Good segway Brian. (Don't ya love it when I talk to myself and refer to the blog in third person.)  It seems like just a few days ago there was worry of inflation. Oh yeah that was a few days ago. Did you catch the CPI report. Of course you didn’t. Here is the link if you want to read it all. Overall inflation stayed flat or even down in some categories resulting in the lowest inflation in 44 years. Now did you happen to compare the CPI number to Walmart first quarter revenues? Pretty darn close. If we are worried about deflation, which was the scary word of the day yesterday, after the CPI was published, just have Walmart bump up prices bay about 2%. That would put inflation at the bottom range of the Feds inflation mark and Bernanke can start increasing interest rates.

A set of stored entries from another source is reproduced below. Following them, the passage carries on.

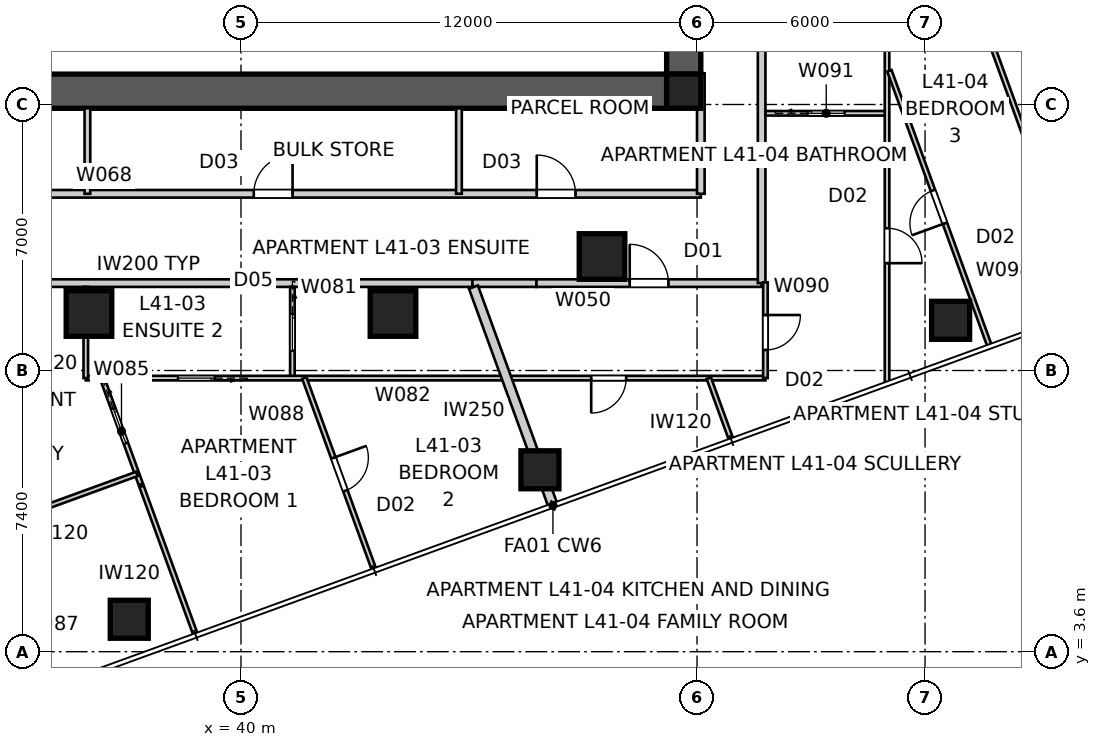
"""IFC4 building model, lengths in metres.
Left out: names, types, materials, properties, quantities, classifications, styles, units other than length and angle.
Written with IfcOpenShell. Run it as: python <this file> out.ifc"""

import sys

from ifc_helpers import new_model, si_unit, direction, frame, frame_2d, origin, origin_2d, place, context, subcontext, project, spatial, polyline, rectangle, outline, extrude, element, fill, save


model = new_model("IFC4")
c1 = context("Model", 3, precision=1e-05, world=origin(), true_north=direction((0.0, 1.0)))
c2 = subcontext(c1, "Body", "Model", "MODEL_VIEW")
j1 = project(units=[si_unit("LENGTHUNIT", "METRE"), si_unit("PLANEANGLEUNIT", "RADIAN")], contexts=[c1])
p1 = place(None, origin())
s1 = spatial("IfcSite", under=j1, at=p1, CompositionType="ELEMENT")
p2 = place(p1, origin())
s2 = spatial("IfcBuilding", under=s1, at=p2, CompositionType="ELEMENT")
p3 = place(p2, frame((0.0, 0.0, 150.6)))
s3 = spatial("IfcBuildingStorey", under=s2, at=p3, CompositionType="ELEMENT", Elevation=150.6)
p4 = place(p3, frame((51.2, 18.35, 0.0), z_axis=(0.0, 0.0, 1.0), x_axis=(-1.0, 0.0, 0.0)))
e1 = element("IfcWall", 1, at=p4, inside=s3, PredefinedType="SHEAR", context=c2, shape_type="SweptSolid", body=[
    extrude(outline(polyline([(0.0, -0.45), (22.4, -0.45), (22.4, -0.025), (22.85, -0.025), (22.85, 0.025), (22.4, 0.025), (22.4, 0.45), (0.0, 0.45), (0.0, 0.025), (-0.45, 0.025), (-0.45, -0.025), (0.0, -0.025), (0.0, -0.45)])), origin(), (0.0, 0.0, 1.0), 3.4),
])
p5 = place(p3, frame((51.65, 18.8, 0.0), z_axis=(0.0, 0.0, 1.0), x_axis=(0.0, 1.0, 0.0)))
e2 = element("IfcWall", 2, at=p5, inside=s3, PredefinedType="SHEAR", context=c2, shape_type="SweptSolid", body=[
    extrude(outline(polyline([(0.0, -0.45), (22.4, -0.45), (22.4, -0.025), (22.85, -0.025), (22.85, 0.025), (22.4, 0.025), (22.4, 0.45), (0.0, 0.45), (0.0, 0.025), (-0.45, 0.025), (-0.45, -0.025), (0.0, -0.025), (0.0, -0.45)])), origin(), (0.0, 0.0, 1.0), 3.4),
])
p6 = place(p5, frame((11.14, 0.0, 0.0)))
e3 = element("IfcOpeningElement", 3, at=p6, cuts=e2, PredefinedType="OPENING", context=c2, shape_type="SweptSolid", body=[
    extrude(rectangle(XDim=1.02, YDim=2.4, at=frame_2d((0.51, 1.2))), frame((0.0, 0.46, 0.0), z_axis=(0.0, -1.0, 0.0), x_axis=(1.0, 0.0, 0.0)), (0.0, 0.0, 1.0), 0.92),
])
p7 = place(p3, frame((51.65, 18.35, 0.0), z_axis=(0.0, 0.0, 1.0), x_axis=(1.0, 0.0, 0.0)))
e4 = element("IfcColumn", 4, at=p7, inside=s3, PredefinedType="COLUMN", context=c2, shape_type="SweptSolid", body=[
    extrude(rectangle(XDim=0.9, YDim=0.9, at=origin_2d()), origin(), (0.0, 0.0, 1.0), 3.4),
])
for number, where, z_axis, x_axis in (
    (5, (37.06, 4.454, 0.0), (0.0, 0.0, 1.0), (1.0, 0.0, 0.0)),
    (6, (47.866, 8.387, 0.0), (0.0, 0.0, 1.0), (1.0, 0.0, 0.0)),
    (7, (58.673, 12.32, 0.0), (0.0, 0.0, 1.0), (1.0, 0.0, 0.0)),
):
    element("IfcColumn", number, at=place(p3, frame(where, z_axis=z_axis, x_axis=x_axis)), inside=s3, PredefinedType="COLUMN", context=c2, shape_type="SweptSolid", body=[
        extrude(rectangle(XDim=1.0, YDim=1.0, at=origin_2d()), origin(), (0.0, 0.0, 1.0), 3.4),
    ])
for number, where, z_axis, x_axis in (
    (8, (36.0, 12.5, 0.0), (0.0, 0.0, 1.0), (1.0, 0.0, 0.0)),
    (9, (44.0, 12.5, 0.0), (0.0, 0.0, 1.0), (1.0, 0.0, 0.0)),
    (10, (49.5, 14.0, 0.0), (0.0, 0.0, 1.0), (1.0, 0.0, 0.0)),
):
    element("IfcColumn", number, at=place(p3, frame(where, z_axis=z_axis, x_axis=x_axis)), inside=s3, PredefinedType="COLUMN", context=c2, shape_type="SweptSolid", body=[
        extrude(rectangle(XDim=1.2, YDim=1.2, at=origin_2d()), origin(), (0.0, 0.0, 1.0), 3.4),
    ])
p8 = place(p3, frame((33.908, 13.3, 0.0), z_axis=(0.0, 0.0, 1.0), x_axis=(1.0, 0.0, 0.0)))
e11 = element("IfcWall", 11, at=p8, inside=s3, PredefinedType="PARTITIONING", context=c2, shape_type="SweptSolid", body=[
    extrude(rectangle(XDim=12.183, YDim=0.2, at=frame_2d((6.092, 0.0))), origin(), (0.0, 0.0, 1.0), 3.25),
])
p9 = place(p3, frame((46.092, 13.3, 0.0), z_axis=(0.0, 0.0, 1.0), x_axis=(1.0, 0.0, 0.0)))
e12 = element("IfcWall", 12, at=p9, inside=s3, PredefinedType="PARTITIONING", context=c2, shape_type="SweptSolid", body=[
    extrude(rectangle(XDim=1.684, YDim=0.2, at=frame_2d((0.842, 0.0))), origin(), (0.0, 0.0, 1.0), 2.55),
])
p10 = place(p3, frame((47.775, 13.3, 0.0), z_axis=(0.0, 0.0, 1.0), x_axis=(1.0, 0.0, 0.0)))
e13 = element("IfcWall", 13, at=p10, inside=s3, PredefinedType="PARTITIONING", context=c2, shape_type="SweptSolid", body=[
    extrude(rectangle(XDim=5.925, YDim=0.2, at=frame_2d((2.962, 0.0))), origin(), (0.0, 0.0, 1.0), 3.25),
])
p11 = place(p10, frame((2.453, 0.0, 0.0)))
e14 = element("IfcOpeningElement", 14, at=p11, cuts=e13, PredefinedType="OPENING", context=c2, shape_type="SweptSolid", body=[
    extrude(rectangle(XDim=1.02, YDim=2.34, at=frame_2d((0.51, 1.17))), frame((0.0, 0.11, 0.0), z_axis=(0.0, -1.0, 0.0), x_axis=(1.0, 0.0, 0.0)), (0.0, 0.0, 1.0), 0.22),
])
p12 = place(p3, frame((53.7, 13.3, 0.0), z_axis=(0.0, 0.0, 1.0), x_axis=(0.0, 1.0, 0.0)))
e15 = element("IfcWall", 15, at=p12, inside=s3, PredefinedType="PARTITIONING", context=c2, shape_type="SweptSolid", body=[
    extrude(rectangle(XDim=33.0, YDim=0.2, at=frame_2d((16.5, 0.0))), origin(), (0.0, 0.0, 1.0), 3.25),
])
p13 = place(p12, frame((28.411, 0.0, 0.0)))
e16 = element("IfcOpeningElement", 16, at=p13, cuts=e15, PredefinedType="OPENING", context=c2, shape_type="SweptSolid", body=[
    extrude(rectangle(XDim=1.02, YDim=2.1, at=frame_2d((0.51, 1.05))), frame((0.0, 0.11, 0.0), z_axis=(0.0, -1.0, 0.0), x_axis=(1.0, 0.0, 0.0)), (0.0, 0.0, 1.0), 0.22),
])
p14 = place(p12, frame((13.741, 0.0, 0.0)))
e17 = element("IfcOpeningElement", 17, at=p14, cuts=e15, PredefinedType="OPENING", context=c2, shape_type="SweptSolid", body=[
    extrude(rectangle(XDim=1.02, YDim=2.34, at=frame_2d((0.51, 1.17))), frame((0.0, 0.11, 0.0), z_axis=(0.0, -1.0, 0.0), x_axis=(1.0, 0.0, 0.0)), (0.0, 0.0, 1.0), 0.22),
])
p15 = place(p3, frame((48.208, 7.447, 0.0), z_axis=(0.0, 0.0, 1.0), x_axis=(-0.341999444481, 0.939700154291, 0.0)))
e18 = element("IfcWall", 18, at=p15, inside=s3, PredefinedType="PARTITIONING", context=c2, shape_type="SweptSolid", body=[
    extrude(rectangle(XDim=6.116, YDim=0.25, at=frame_2d((3.058, 0.0))), origin(), (0.0, 0.0, 1.0), 3.25),
])
p16 = place(p3, frame((27.9, 15.65, 0.0), z_axis=(0.0, 0.0, 1.0), x_axis=(1.0, 0.0, 0.0)))
e19 = element("IfcWall", 19, at=p16, inside=s3, PredefinedType="PARTITIONING", context=c2, shape_type="SweptSolid", body=[
    extrude(rectangle(XDim=24.2, YDim=0.2, at=frame_2d((12.1, 0.0))), origin(), (0.0, 0.0, 1.0), 3.25),
])
p17 = place(p16, frame((12.437, 0.0, 0.0)))
e20 = element("IfcOpeningElement", 20, at=p17, cuts=e19, PredefinedType="OPENING", context=c2, shape_type="SweptSolid", body=[
    extrude(rectangle(XDim=1.02, YDim=2.1, at=frame_2d((0.51, 1.05))), frame((0.0, 0.11, 0.0), z_axis=(0.0, -1.0, 0.0), x_axis=(1.0, 0.0, 0.0)), (0.0, 0.0, 1.0), 0.22),
])
p18 = place(p16, frame((3.544, 0.0, 0.0)))
e21 = element("IfcOpeningElement", 21, at=p18, cuts=e19, PredefinedType="OPENING", context=c2, shape_type="SweptSolid", body=[
    extrude(rectangle(XDim=1.02, YDim=2.1, at=frame_2d((0.51, 1.05))), frame((0.0, 0.11, 0.0), z_axis=(0.0, -1.0, 0.0), x_axis=(1.0, 0.0, 0.0)), (0.0, 0.0, 1.0), 0.22),
])
p19 = place(p16, frame((19.883, 0.0, 0.0)))
e22 = element("IfcOpeningElement", 22, at=p19, cuts=e19, PredefinedType="OPENING", context=c2, shape_type="SweptSolid", body=[
    extrude(rectangle(XDim=1.02, YDim=2.1, at=frame_2d((0.51, 1.05))), frame((0.0, 0.11, 0.0), z_axis=(0.0, -1.0, 0.0), x_axis=(1.0, 0.0, 0.0)), (0.0, 0.0, 1.0), 0.22),
])
p20 = place(p3, frame((52.1, 15.65, 0.0), z_axis=(0.0, 0.0, 1.0), x_axis=(0.0, 1.0, 0.0)))
e23 = element("IfcWall", 23, at=p20, inside=s3, PredefinedType="PARTITIONING", context=c2, shape_type="SweptSolid", body=[
    extrude(rectangle(XDim=3.17, YDim=0.2, at=frame_2d((1.585, 0.0))), origin(), (0.0, 0.0, 1.0), 3.25),
])
p21 = place(p3, frame((35.958, 15.65, 0.0), z_axis=(0.0, 0.0, 1.0), x_axis=(0.0, 1.0, 0.0)))
e24 = element("IfcWall", 24, at=p21, inside=s3, PredefinedType="SOLIDWALL", context=c2, shape_type="SweptSolid", body=[
    extrude(rectangle(XDim=2.25, YDim=0.15, at=frame_2d((1.125, 0.0))), origin(), (0.0, 0.0, 1.0), 3.25),
])
p22 = place(p3, frame((45.735, 15.65, 0.0), z_axis=(0.0, 0.0, 1.0), x_axis=(0.0, 1.0, 0.0)))
e25 = element("IfcWall", 25, at=p22, inside=s3, PredefinedType="SOLIDWALL", context=c2, shape_type="SweptSolid", body=[
    extrude(rectangle(XDim=2.25, YDim=0.15, at=frame_2d((1.125, 0.0))), origin(), (0.0, 0.0, 1.0), 2.796),
])
p23 = place(p3, frame((41.353, 13.2, 0.0), z_axis=(0.0, 0.0, 1.0), x_axis=(0.0, -1.0, 0.0)))
e26 = element("IfcWall", 26, at=p23, inside=s3, PredefinedType="PARTITIONING", context=c2, shape_type="SweptSolid", body=[
    extrude(rectangle(XDim=2.4, YDim=0.12, at=frame_2d((1.2, 0.0))), origin(), (0.0, 0.0, 1.0), 3.25),
])
p24 = place(p23, frame((0.72, 0.0, 0.0)))
e27 = element("IfcOpeningElement", 27, at=p24, cuts=e26, PredefinedType="OPENING", context=c2, shape_type="SweptSolid", body=[
    extrude(rectangle(XDim=0.96, YDim=2.1, at=frame_2d((0.48, 1.05))), frame((0.0, 0.07, 0.0), z_axis=(0.0, -1.0, 0.0), x_axis=(1.0, 0.0, 0.0)), (0.0, 0.0, 1.0), 0.14),
])
p25 = place(p3, frame((53.8, 10.8, 0.0), z_axis=(0.0, 0.0, 1.0), x_axis=(-1.0, 0.0, 0.0)))
e28 = element("IfcWall", 28, at=p25, inside=s3, PredefinedType="PARTITIONING", context=c2, shape_type="SweptSolid", body=[
    extrude(rectangle(XDim=17.884, YDim=0.12, at=frame_2d((8.942, 0.0))), origin(), (0.0, 0.0, 1.0), 3.25),
])
p26 = place(p25, frame((3.665, 0.0, 0.0)))
e29 = element("IfcOpeningElement", 29, at=p26, cuts=e28, PredefinedType="OPENING", context=c2, shape_type="SweptSolid", body=[
    extrude(rectangle(XDim=0.92, YDim=2.34, at=frame_2d((0.46, 1.17))), frame((0.0, 0.07, 0.0), z_axis=(0.0, -1.0, 0.0), x_axis=(1.0, 0.0, 0.0)), (0.0, 0.0, 1.0), 0.14),
])
p27 = place(p25, frame((14.497, 0.0, 0.0)))
e30 = element("IfcOpeningElement", 30, at=p27, cuts=e28, PredefinedType="OPENING", context=c2, shape_type="SweptSolid", body=[
    extrude(rectangle(XDim=0.96, YDim=2.1, at=frame_2d((0.48, 1.05))), frame((0.0, 0.07, 0.0), z_axis=(0.0, -1.0, 0.0), x_axis=(1.0, 0.0, 0.0)), (0.0, 0.0, 1.0), 0.14),
])
p28 = place(p3, frame((35.916, 10.8, 0.0), z_axis=(0.0, 0.0, 1.0), x_axis=(0.0, 1.0, 0.0)))
e31 = element("IfcWall", 31, at=p28, inside=s3, PredefinedType="PARTITIONING", context=c2, shape_type="SweptSolid", body=[
    extrude(rectangle(XDim=2.4, YDim=0.12, at=frame_2d((1.2, 0.0))), origin(), (0.0, 0.0, 1.0), 3.25),
])
p29 = place(p3, frame((36.346, 10.8, 0.0), z_axis=(0.0, 0.0, 1.0), x_axis=(0.341986632257, -0.939704817141, 0.0)))
e32 = element("IfcWall", 32, at=p29, inside=s3, PredefinedType="PARTITIONING", context=c2, shape_type="SweptSolid", body=[
    extrude(rectangle(XDim=2.978, YDim=0.12, at=frame_2d((1.489, 0.0))), origin(), (0.0, 0.0, 1.0), 3.25),
])
p30 = place(p29, frame((0.861, 0.0, 0.0)))
e33 = element("IfcOpeningElement", 33, at=p30, cuts=e32, PredefinedType="OPENING", context=c2, shape_type="SweptSolid", body=[
    extrude(rectangle(XDim=0.96, YDim=2.1, at=frame_2d((0.48, 1.05))), frame((0.0, 0.07, 0.0), z_axis=(0.0, -1.0, 0.0), x_axis=(1.0, 0.0, 0.0)), (0.0, 0.0, 1.0), 0.14),
])
p31 = place(p3, frame((37.264, 8.28, 0.0), z_axis=(0.0, 0.0, 1.0), x_axis=(-0.939686455819, -0.342037080957, 0.0)))
e34 = element("IfcWall", 34, at=p31, inside=s3, PredefinedType="PARTITIONING", context=c2, shape_type="SweptSolid", body=[
    extrude(rectangle(XDim=5.0, YDim=0.12, at=frame_2d((2.5, 0.0))), origin(), (0.0, 0.0, 1.0), 3.25),
])
p32 = place(p3, frame((41.667, 10.8, 0.0), z_axis=(0.0, 0.0, 1.0), x_axis=(0.341995981916, -0.939701414468, 0.0)))
e35 = element("IfcWall", 35, at=p32, inside=s3, PredefinedType="PARTITIONING", context=c2, shape_type="SweptSolid", body=[
    extrude(rectangle(XDim=5.348, YDim=0.12, at=frame_2d((2.674, 0.0))), origin(), (0.0, 0.0, 1.0), 3.25),
])
p33 = place(p32, frame((2.234, 0.0, 0.0)))
e36 = element("IfcOpeningElement", 36, at=p33, cuts=e35, PredefinedType="OPENING", context=c2, shape_type="SweptSolid", body=[
    extrude(rectangle(XDim=0.92, YDim=2.34, at=frame_2d((0.46, 1.17))), frame((0.0, 0.07, 0.0), z_axis=(0.0, -1.0, 0.0), x_axis=(1.0, 0.0, 0.0)), (0.0, 0.0, 1.0), 0.14),
])
p34 = place(p3, frame((38.798, 4.065, 0.0), z_axis=(0.0, 0.0, 1.0), x_axis=(-0.342036918442, 0.939686514973, 0.0)))
e37 = element("IfcWall", 37, at=p34, inside=s3, PredefinedType="PARTITIONING", context=c2, shape_type="SweptSolid", body=[
    extrude(rectangle(XDim=4.136, YDim=0.12, at=frame_2d((2.068, 0.0))), origin(), (0.0, 0.0, 1.0), 3.25),
])
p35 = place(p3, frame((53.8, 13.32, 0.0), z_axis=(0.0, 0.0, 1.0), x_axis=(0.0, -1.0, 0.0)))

Food for thought. Besides Walmart is now shopping for vendors in India, the Philippines, Viet Nam and Indonesia because those nice Chinese folk were brazen enough to ask for more money to make our products.

I am looking for an oil stock besides CVX to ad to my bag of tricks. I may have found one but have a lot of homework to do. OXY, Occidental petroleum came a cross my desk today and I kicked the tires on it tonight. There first quarter revenue was almost 200% over last year. Their production is up about 5 % last year and should improve as a press release last week indicated that Kern County field is turning out to be much more abundant that originally thought. They have very limited exposure to off shore and especially gulf issues. They do have some Latin America, Middle east, and North Africa exposure that lends itself to social unrest, but what oil company doesn’t. Analysts peg future growth at about 7% with some aggressive oil and gas price assumptions. It has a chemical division that should help revenues and the bottom line as the economy continues to improve. (The economy is improving even after today). It also has a good position in the nat gas filed with piplines and production that will benefit from what will be a growing industry once LNG learns how to lobby properly.

As of tonight it is trading at 10 times earnings and 2 times book. Some low end analysts estimates peg values at 85 and high end say 110. The stock closed today at 77 and change. On the scary side of things, if we do see a double dip recession and oil drops back down to 50 a barrel and gas goes to below 5 mcf, that the stock would be overvalued. According to Morningstar, the executive suite is talented and has equity in the company. Their compensation is equitable for shareholders and the industry. Do your homework, but I am going to watch the futures tonight see if tomorrow is a good time to get in. Right now, it looks like tomorrow could be replay of today.